There is a potentially dangerous piece of legislation to strengthen the Consumer Product Safety Commission (CPSC) which could see action in the Senate before the Easter recess. S. 2663, "a bill to reform the Consumer Product Safety Commission to provide greater protection for children's products, to improve the screening of noncompliant consumer products, to improve the effectiveness of consumer product recall programs, and for other purposes," has strong support among so-called public advocates because of recent scares over lead-based toys from China and a host of other problems with imported goods and food.
The bill would strengthen federal whistleblower protections. It would fine employers who take action against an employee who reported what that employee believed was a violation of CPSC laws or regulations. Of course, there can be abuses, but I long have been an advocate of whistleblower protections, as I believe most employees who report alleged violations mean well and have been helpful.

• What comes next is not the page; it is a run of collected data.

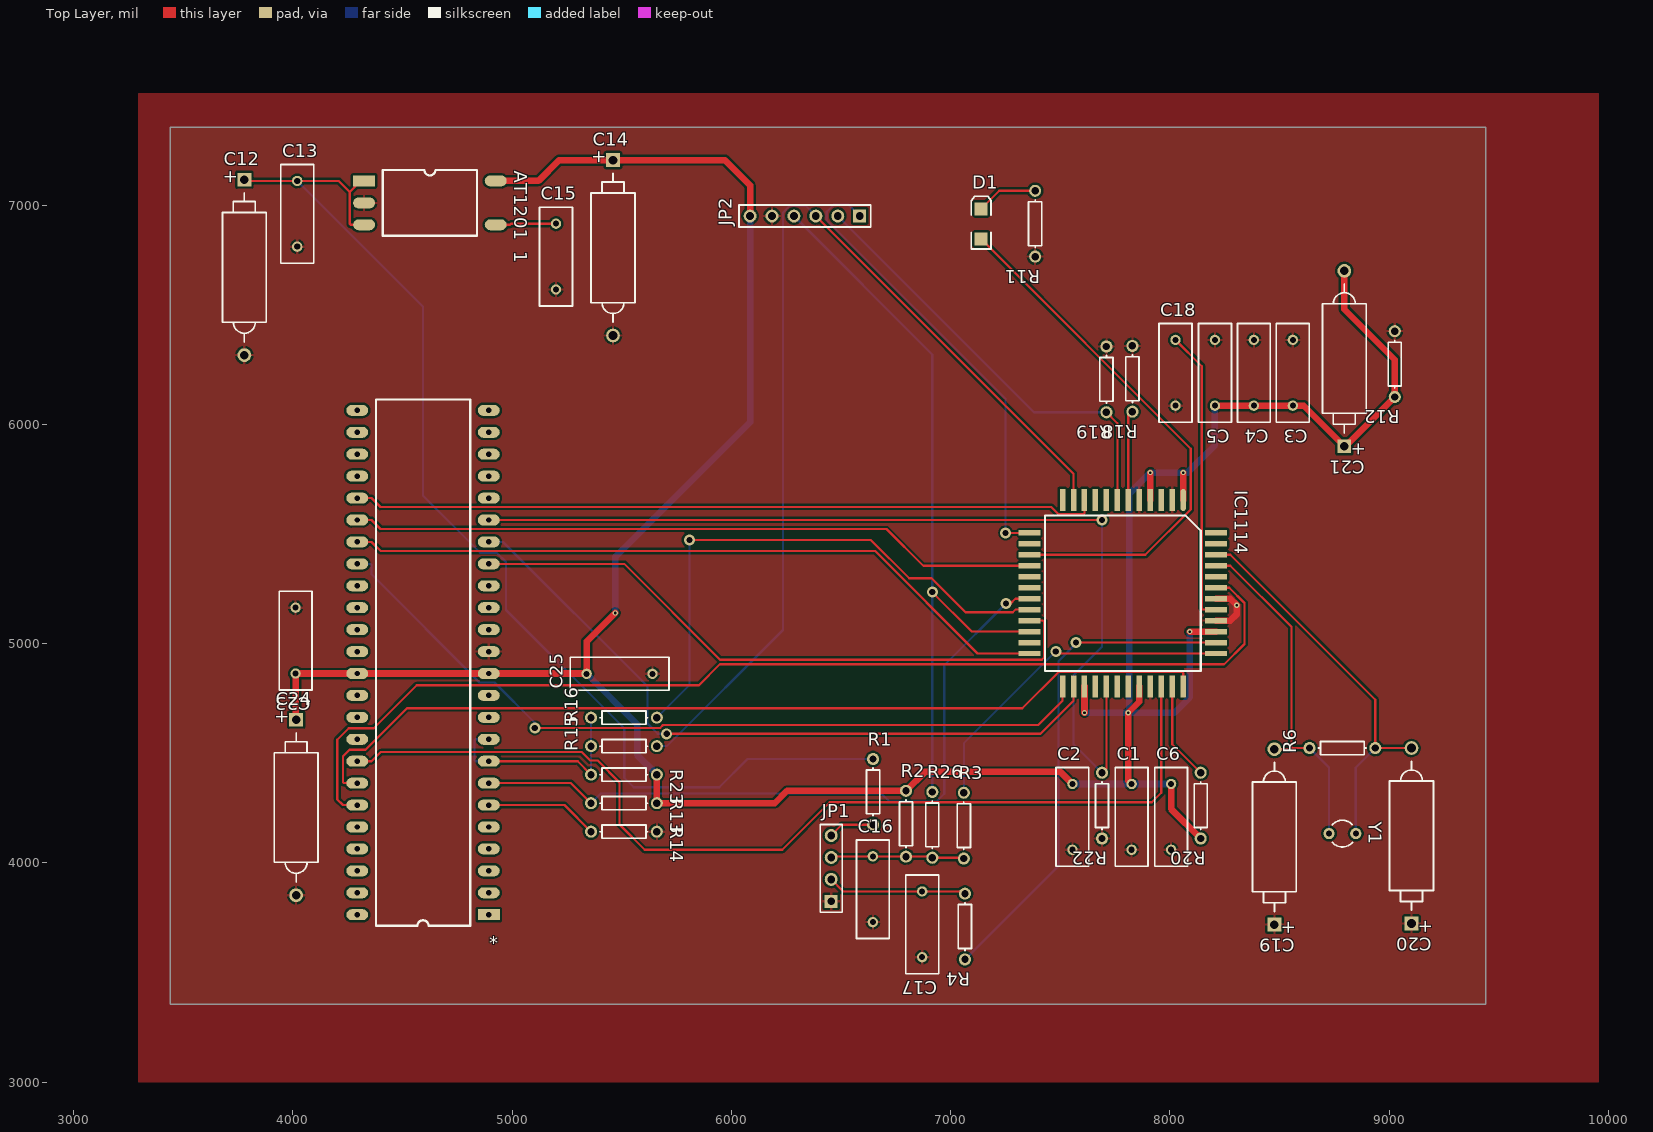
[diagram p0: Top Layer view]
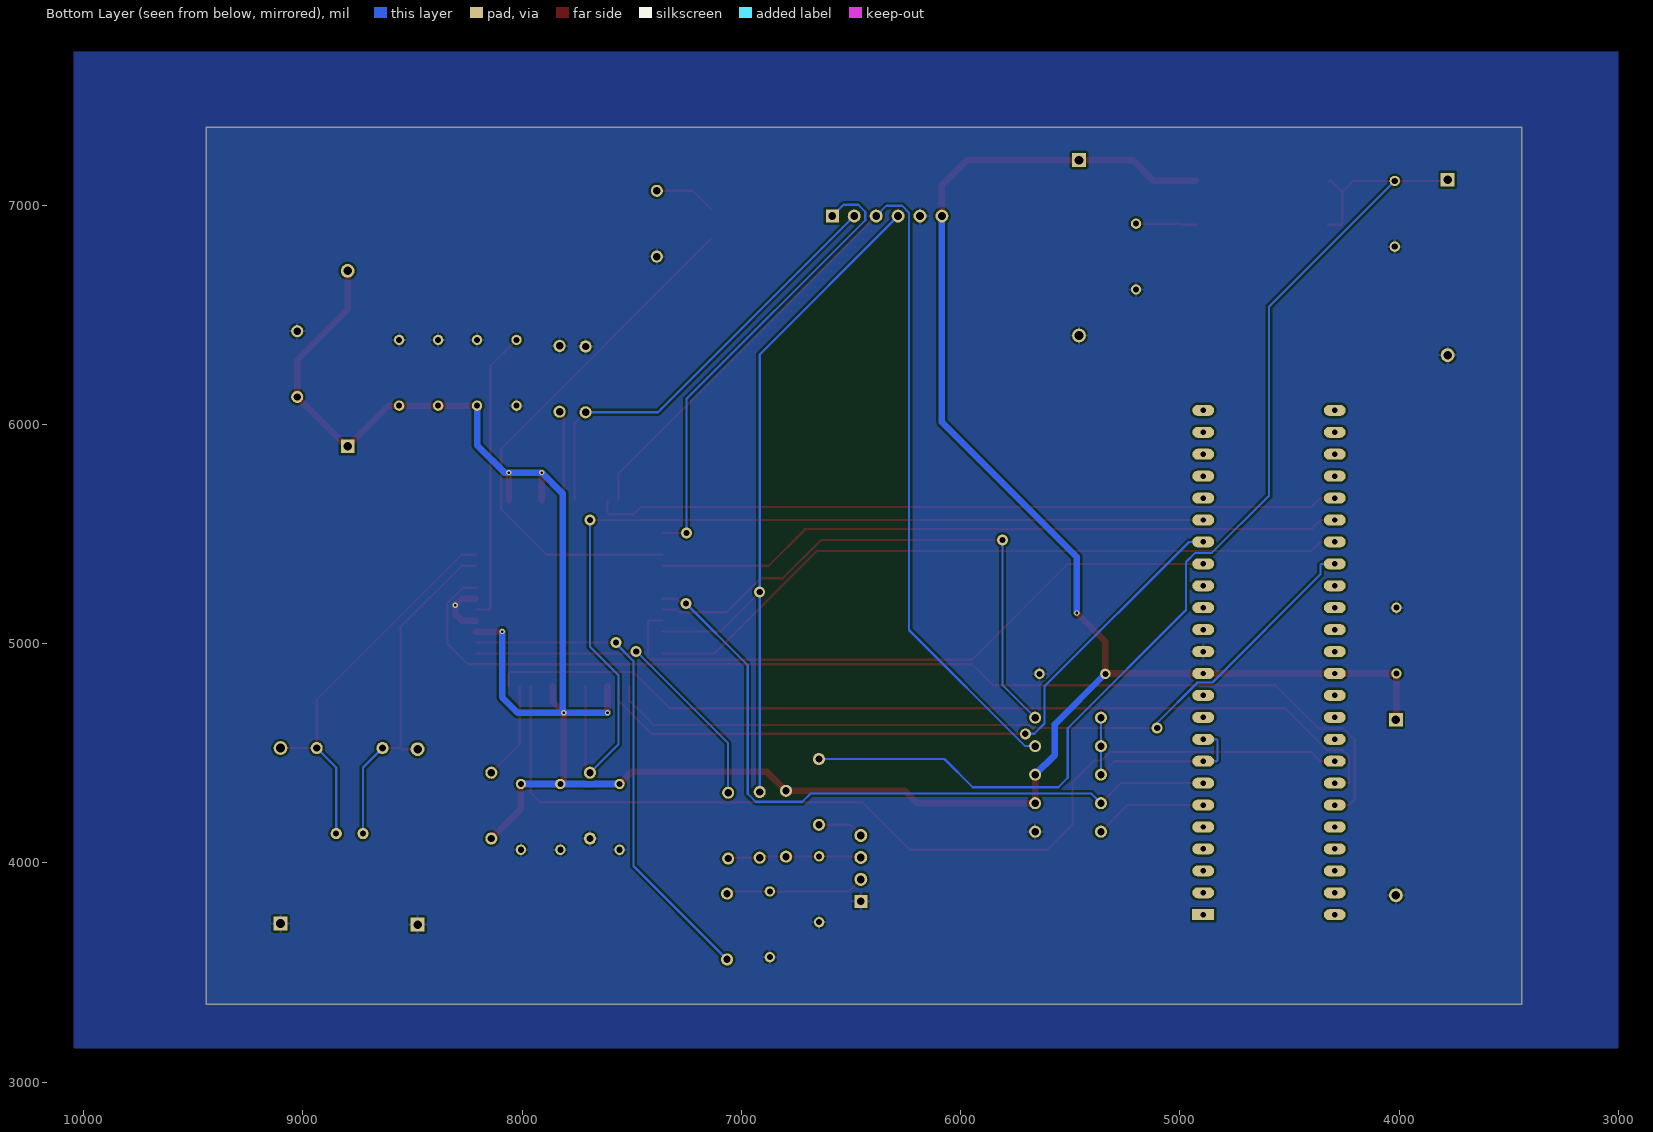
[diagram p1: Bottom Layer view, seen from below]
# Altium PCB MISC75231.pcbdoc
Units mil, origin at the board's own origin, x right, y up, seen from the top; angles counter-clockwise.
Board outline 6000 x 4000 mil, 2 copper layers (Top Layer, Bottom Layer); 43 components, 44 nets, 187 pads, 16 vias.

## Layer stack, top to bottom (the 12.6 mil dielectric is the usual default, probably not edited)
Top Solder Mask Layer: solder mask 0.4, Solder Resist, Dk 3.5
Top Layer: signal copper 1.4
Dielectric 1: surface 12.6, FR-4, Dk 4.8
Bottom Layer: signal copper 1.4
Bottom Solder Mask Layer: solder mask 0.4, Solder Resist, Dk 3.5

## Board outline
3440,7355 3440,3355 9440,3355 9440,7355

## Design rules (kind name [scope] priority, off if disabled: settings)
BoardOutlineClearance Clearance_1 [All] p2: genericclearance=10 ignorepadtopadclearanceinfootprint=FALSE except(0: Arc-SplitContinuation Track-SplitContinuation SMDPad-SplitContinuation THPad-SplitContinuation Via-SplitContinuation Fill-SplitContinuation Region-SplitContinuation Poly-SplitContinuation Text-SplitContinuation Hole-SplitContinuation; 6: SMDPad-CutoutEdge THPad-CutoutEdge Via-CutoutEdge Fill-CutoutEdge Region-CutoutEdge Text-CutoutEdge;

Beyond that one potentially beneficial provision, the bill is fatally flawed. The business community strongly opposes the bill for many valid reasons. The bill would create a government-sponsored website which would allow people anonymously to smear companies. This goes along with the left's view that all for-profit enterprises are evil. This places the imprimatur of the Federal Government upon frivolous complaints. Right now consumer groups must post their complaints on their own websites. Under the proposed changes they would be able to secure government help when often there would be no need for help.
The measure would create a new tool for State Attorneys General antagonistic toward business to harass companies. Currently a business only has to comply with one set of laws and regulations, that of CPSC. This law would allow each state the opportunity to set up its own consumer product regulations. Potentially a company could be forced to comply with fifty different sets of rules and regulations. It could be a bureaucratic nightmare.The bill would undermine any co-operative relationship between a business and CPSC. Right now information given to CPSC is checked for fairness and accuracy. Under the bill all information received would have to be posted on CPSC website with-in fifteen days. This would eliminate thousands, even tens of thousands, of complaints CPSC receives every day as a means of fulfilling its responsibilities.
One of the most glaring problems is that the bill massively would increase fines, threatening small businesses for no good reason - maximum civil penalties more than ten-fold and individual violation penalties more than fifty-fold. The threat of a $250,000 fine simply would cause many small businesses to declare bankruptcy, thus ruining their credit and their livelihood. For example, if they had violations of more than fifty toys they would be fined $250,000 and retailers would declare bankruptcy.
I could go on and on, as there are many additional onerous provisions of this legislation, including a 100% increase in the CPSC budget, but you get the picture. It is currently under consideration by the Senate and no doubt Senate Majority Leader Harry M. Reid (D-NV) is anxious to take it up. The longer it remains on the calendar the more people will hear about this terrible bill. If its provisions were known widely it most likely would be defeated, the toy scare notwithstanding. Only now is word reaching small businesses about the potentially devastating nature of this bill. So if Reid can hurry up and seek its passage before the next recess he may have a strong chance to get it through. The longer he waits the worse off proponents of this bill will fare.